Price Hike Would Cut Smoking in Japan, Help Coffers

September 4, 2002 - 0:0
TOKYO -- Japanese may not be as addicted to tobacco as it might seem.

A price rise of just a few yen per pack of cigarettes would prompt nearly a third of Japanese smokers to cut down and many to quit entirely, according to a study released on Tuesday.

Calls have risen in the government to hike cigarette taxes, both to help repair tattered public finances and to discourage people from smoking in a nation that is still so smoker-friendly that even the health ministry has cigarette vending machines.

Most brands of cigarettes cost 250 yen ($2.12) per pack of 20, the lowest price among group of seven advanced nations, AFP reported.

Raising that to 300 yen would convince 30 percent of smokers to smoke fewer cigarettes per day, while 16 percent said they would quit outright, according to a survey of 2,100 people.

If the price doubled to 500 yen, 42 percent said they would abandon the habit, according to the study, carried out by a lifestyle research center affiliated with the Health Ministry.

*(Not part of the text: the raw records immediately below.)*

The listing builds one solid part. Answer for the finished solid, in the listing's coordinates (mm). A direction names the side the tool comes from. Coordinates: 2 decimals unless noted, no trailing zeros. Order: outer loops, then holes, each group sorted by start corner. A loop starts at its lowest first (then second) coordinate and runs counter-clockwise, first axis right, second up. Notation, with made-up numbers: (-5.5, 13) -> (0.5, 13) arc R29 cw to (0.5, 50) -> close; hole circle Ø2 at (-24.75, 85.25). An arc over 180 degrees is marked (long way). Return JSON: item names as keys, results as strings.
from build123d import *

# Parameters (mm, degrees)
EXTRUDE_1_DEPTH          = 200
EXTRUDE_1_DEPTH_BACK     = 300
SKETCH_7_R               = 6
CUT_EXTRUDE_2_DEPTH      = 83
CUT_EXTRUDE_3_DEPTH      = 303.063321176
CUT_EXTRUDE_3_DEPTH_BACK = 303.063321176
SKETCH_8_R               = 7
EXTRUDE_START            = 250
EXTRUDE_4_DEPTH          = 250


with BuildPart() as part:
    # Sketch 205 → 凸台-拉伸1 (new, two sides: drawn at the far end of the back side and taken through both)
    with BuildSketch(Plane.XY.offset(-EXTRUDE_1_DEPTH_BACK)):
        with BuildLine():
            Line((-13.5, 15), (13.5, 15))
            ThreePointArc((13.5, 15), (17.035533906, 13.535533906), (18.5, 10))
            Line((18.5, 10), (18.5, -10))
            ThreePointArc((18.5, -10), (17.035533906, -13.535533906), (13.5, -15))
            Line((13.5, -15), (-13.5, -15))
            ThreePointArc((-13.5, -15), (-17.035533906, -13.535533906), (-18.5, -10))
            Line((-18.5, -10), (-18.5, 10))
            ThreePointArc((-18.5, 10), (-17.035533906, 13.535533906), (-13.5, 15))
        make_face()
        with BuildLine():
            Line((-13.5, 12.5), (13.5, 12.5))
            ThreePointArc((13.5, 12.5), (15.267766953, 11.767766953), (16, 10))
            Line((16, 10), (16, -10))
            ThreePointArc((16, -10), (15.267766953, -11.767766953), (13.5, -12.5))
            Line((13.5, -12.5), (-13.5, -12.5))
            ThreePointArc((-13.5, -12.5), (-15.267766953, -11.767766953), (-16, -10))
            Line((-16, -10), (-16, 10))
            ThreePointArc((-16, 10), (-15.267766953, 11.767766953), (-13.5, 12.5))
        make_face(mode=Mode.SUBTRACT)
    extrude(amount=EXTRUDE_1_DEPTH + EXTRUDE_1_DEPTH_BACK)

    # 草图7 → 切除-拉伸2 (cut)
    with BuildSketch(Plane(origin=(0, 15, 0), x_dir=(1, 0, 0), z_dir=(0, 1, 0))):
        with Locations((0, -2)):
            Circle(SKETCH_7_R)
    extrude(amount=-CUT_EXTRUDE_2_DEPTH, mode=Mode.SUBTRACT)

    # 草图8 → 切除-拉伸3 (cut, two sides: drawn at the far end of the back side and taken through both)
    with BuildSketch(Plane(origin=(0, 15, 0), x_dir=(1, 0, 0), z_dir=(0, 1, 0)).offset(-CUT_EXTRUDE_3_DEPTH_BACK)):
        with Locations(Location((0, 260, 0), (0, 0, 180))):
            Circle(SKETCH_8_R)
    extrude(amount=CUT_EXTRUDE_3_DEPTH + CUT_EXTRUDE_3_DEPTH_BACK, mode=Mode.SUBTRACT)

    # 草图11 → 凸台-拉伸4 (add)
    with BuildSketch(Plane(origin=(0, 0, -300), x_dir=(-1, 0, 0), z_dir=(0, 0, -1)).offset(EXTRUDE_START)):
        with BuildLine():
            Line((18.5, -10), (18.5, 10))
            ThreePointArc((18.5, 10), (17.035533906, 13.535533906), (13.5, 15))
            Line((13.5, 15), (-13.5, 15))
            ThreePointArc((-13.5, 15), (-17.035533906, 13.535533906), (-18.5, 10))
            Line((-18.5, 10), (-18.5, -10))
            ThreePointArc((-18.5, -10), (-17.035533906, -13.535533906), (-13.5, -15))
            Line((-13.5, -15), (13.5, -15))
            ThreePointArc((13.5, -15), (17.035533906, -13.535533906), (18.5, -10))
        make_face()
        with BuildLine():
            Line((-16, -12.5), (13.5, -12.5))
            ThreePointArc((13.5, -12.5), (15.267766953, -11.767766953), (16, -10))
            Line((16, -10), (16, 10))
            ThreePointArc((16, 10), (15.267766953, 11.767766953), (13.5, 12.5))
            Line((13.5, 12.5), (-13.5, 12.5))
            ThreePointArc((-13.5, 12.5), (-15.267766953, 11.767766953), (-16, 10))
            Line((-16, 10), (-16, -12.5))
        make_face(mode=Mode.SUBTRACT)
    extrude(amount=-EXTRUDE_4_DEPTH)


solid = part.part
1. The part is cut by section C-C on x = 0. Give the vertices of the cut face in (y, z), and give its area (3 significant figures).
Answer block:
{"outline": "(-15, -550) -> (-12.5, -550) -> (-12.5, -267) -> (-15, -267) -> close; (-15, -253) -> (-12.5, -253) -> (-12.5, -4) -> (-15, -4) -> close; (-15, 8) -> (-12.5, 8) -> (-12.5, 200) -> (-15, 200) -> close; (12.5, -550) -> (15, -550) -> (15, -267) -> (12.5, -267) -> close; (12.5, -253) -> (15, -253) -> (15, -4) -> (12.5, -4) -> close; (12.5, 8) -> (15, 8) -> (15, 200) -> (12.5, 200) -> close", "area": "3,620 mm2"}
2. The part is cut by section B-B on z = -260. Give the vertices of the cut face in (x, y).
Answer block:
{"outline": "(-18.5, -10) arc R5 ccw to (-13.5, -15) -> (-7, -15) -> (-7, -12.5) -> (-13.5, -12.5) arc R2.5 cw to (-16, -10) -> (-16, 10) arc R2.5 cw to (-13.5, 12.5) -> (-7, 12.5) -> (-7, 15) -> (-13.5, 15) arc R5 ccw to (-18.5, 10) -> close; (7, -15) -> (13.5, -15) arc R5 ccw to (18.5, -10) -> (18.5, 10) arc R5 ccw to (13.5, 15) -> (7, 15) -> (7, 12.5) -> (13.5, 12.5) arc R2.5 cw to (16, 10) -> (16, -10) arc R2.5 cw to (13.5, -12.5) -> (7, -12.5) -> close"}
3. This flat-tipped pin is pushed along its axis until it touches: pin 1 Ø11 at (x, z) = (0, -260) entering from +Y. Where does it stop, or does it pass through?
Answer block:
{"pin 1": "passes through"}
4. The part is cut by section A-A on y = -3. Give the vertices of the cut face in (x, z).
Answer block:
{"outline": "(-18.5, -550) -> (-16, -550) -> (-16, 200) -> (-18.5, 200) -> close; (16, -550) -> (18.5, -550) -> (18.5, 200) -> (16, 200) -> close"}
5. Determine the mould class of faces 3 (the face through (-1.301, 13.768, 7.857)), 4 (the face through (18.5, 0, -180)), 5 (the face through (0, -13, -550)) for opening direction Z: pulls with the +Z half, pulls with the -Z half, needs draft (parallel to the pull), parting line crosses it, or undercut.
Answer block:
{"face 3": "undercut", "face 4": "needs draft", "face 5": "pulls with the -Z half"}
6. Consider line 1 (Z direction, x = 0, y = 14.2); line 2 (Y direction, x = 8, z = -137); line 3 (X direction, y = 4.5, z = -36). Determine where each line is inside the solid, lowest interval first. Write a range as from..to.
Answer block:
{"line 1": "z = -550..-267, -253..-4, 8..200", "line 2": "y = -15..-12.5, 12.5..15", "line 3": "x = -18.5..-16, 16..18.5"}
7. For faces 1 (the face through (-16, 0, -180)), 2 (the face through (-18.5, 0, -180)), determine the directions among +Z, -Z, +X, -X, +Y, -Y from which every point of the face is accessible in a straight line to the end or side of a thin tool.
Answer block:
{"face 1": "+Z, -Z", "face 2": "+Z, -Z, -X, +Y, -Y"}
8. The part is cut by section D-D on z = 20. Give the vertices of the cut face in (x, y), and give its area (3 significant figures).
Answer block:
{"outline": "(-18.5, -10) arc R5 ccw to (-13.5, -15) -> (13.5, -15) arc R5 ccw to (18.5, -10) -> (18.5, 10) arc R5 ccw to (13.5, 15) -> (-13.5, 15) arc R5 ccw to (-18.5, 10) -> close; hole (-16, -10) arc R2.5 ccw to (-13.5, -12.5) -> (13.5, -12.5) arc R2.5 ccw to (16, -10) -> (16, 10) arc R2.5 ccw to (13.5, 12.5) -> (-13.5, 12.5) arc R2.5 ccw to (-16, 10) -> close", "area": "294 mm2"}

"A price rise would have an undeniable impact both on individuals and on tax revenue," said a researcher who worked on the survey. "Even a small rise would likely prompt some people to quit sooner than they would have otherwise."

Some Japanese officials, most notably Finance Minister Masajuro Shiokawa, want higher cigarette taxes to help bolster the government's coffers.

But the idea faces fierce resistance from tobacco growers and industry giant Japan tobacco inc., which is two-thirds owned by the government.

About 47 percent of Japanese men are smokers and nearly 10 percent of women, compared with nearly 26 percent of men and 21 percent of women in the United States.

The study estimated that if a pack of cigarettes cost 300 yen, 4.7 million of the slightly more than 28 million smokers in the country would give up.

The number of people who die from smoking-related diseases each year would decline by 17,000 to less than 90,000 and more than 200 billion yen would be saved in medical costs, it said.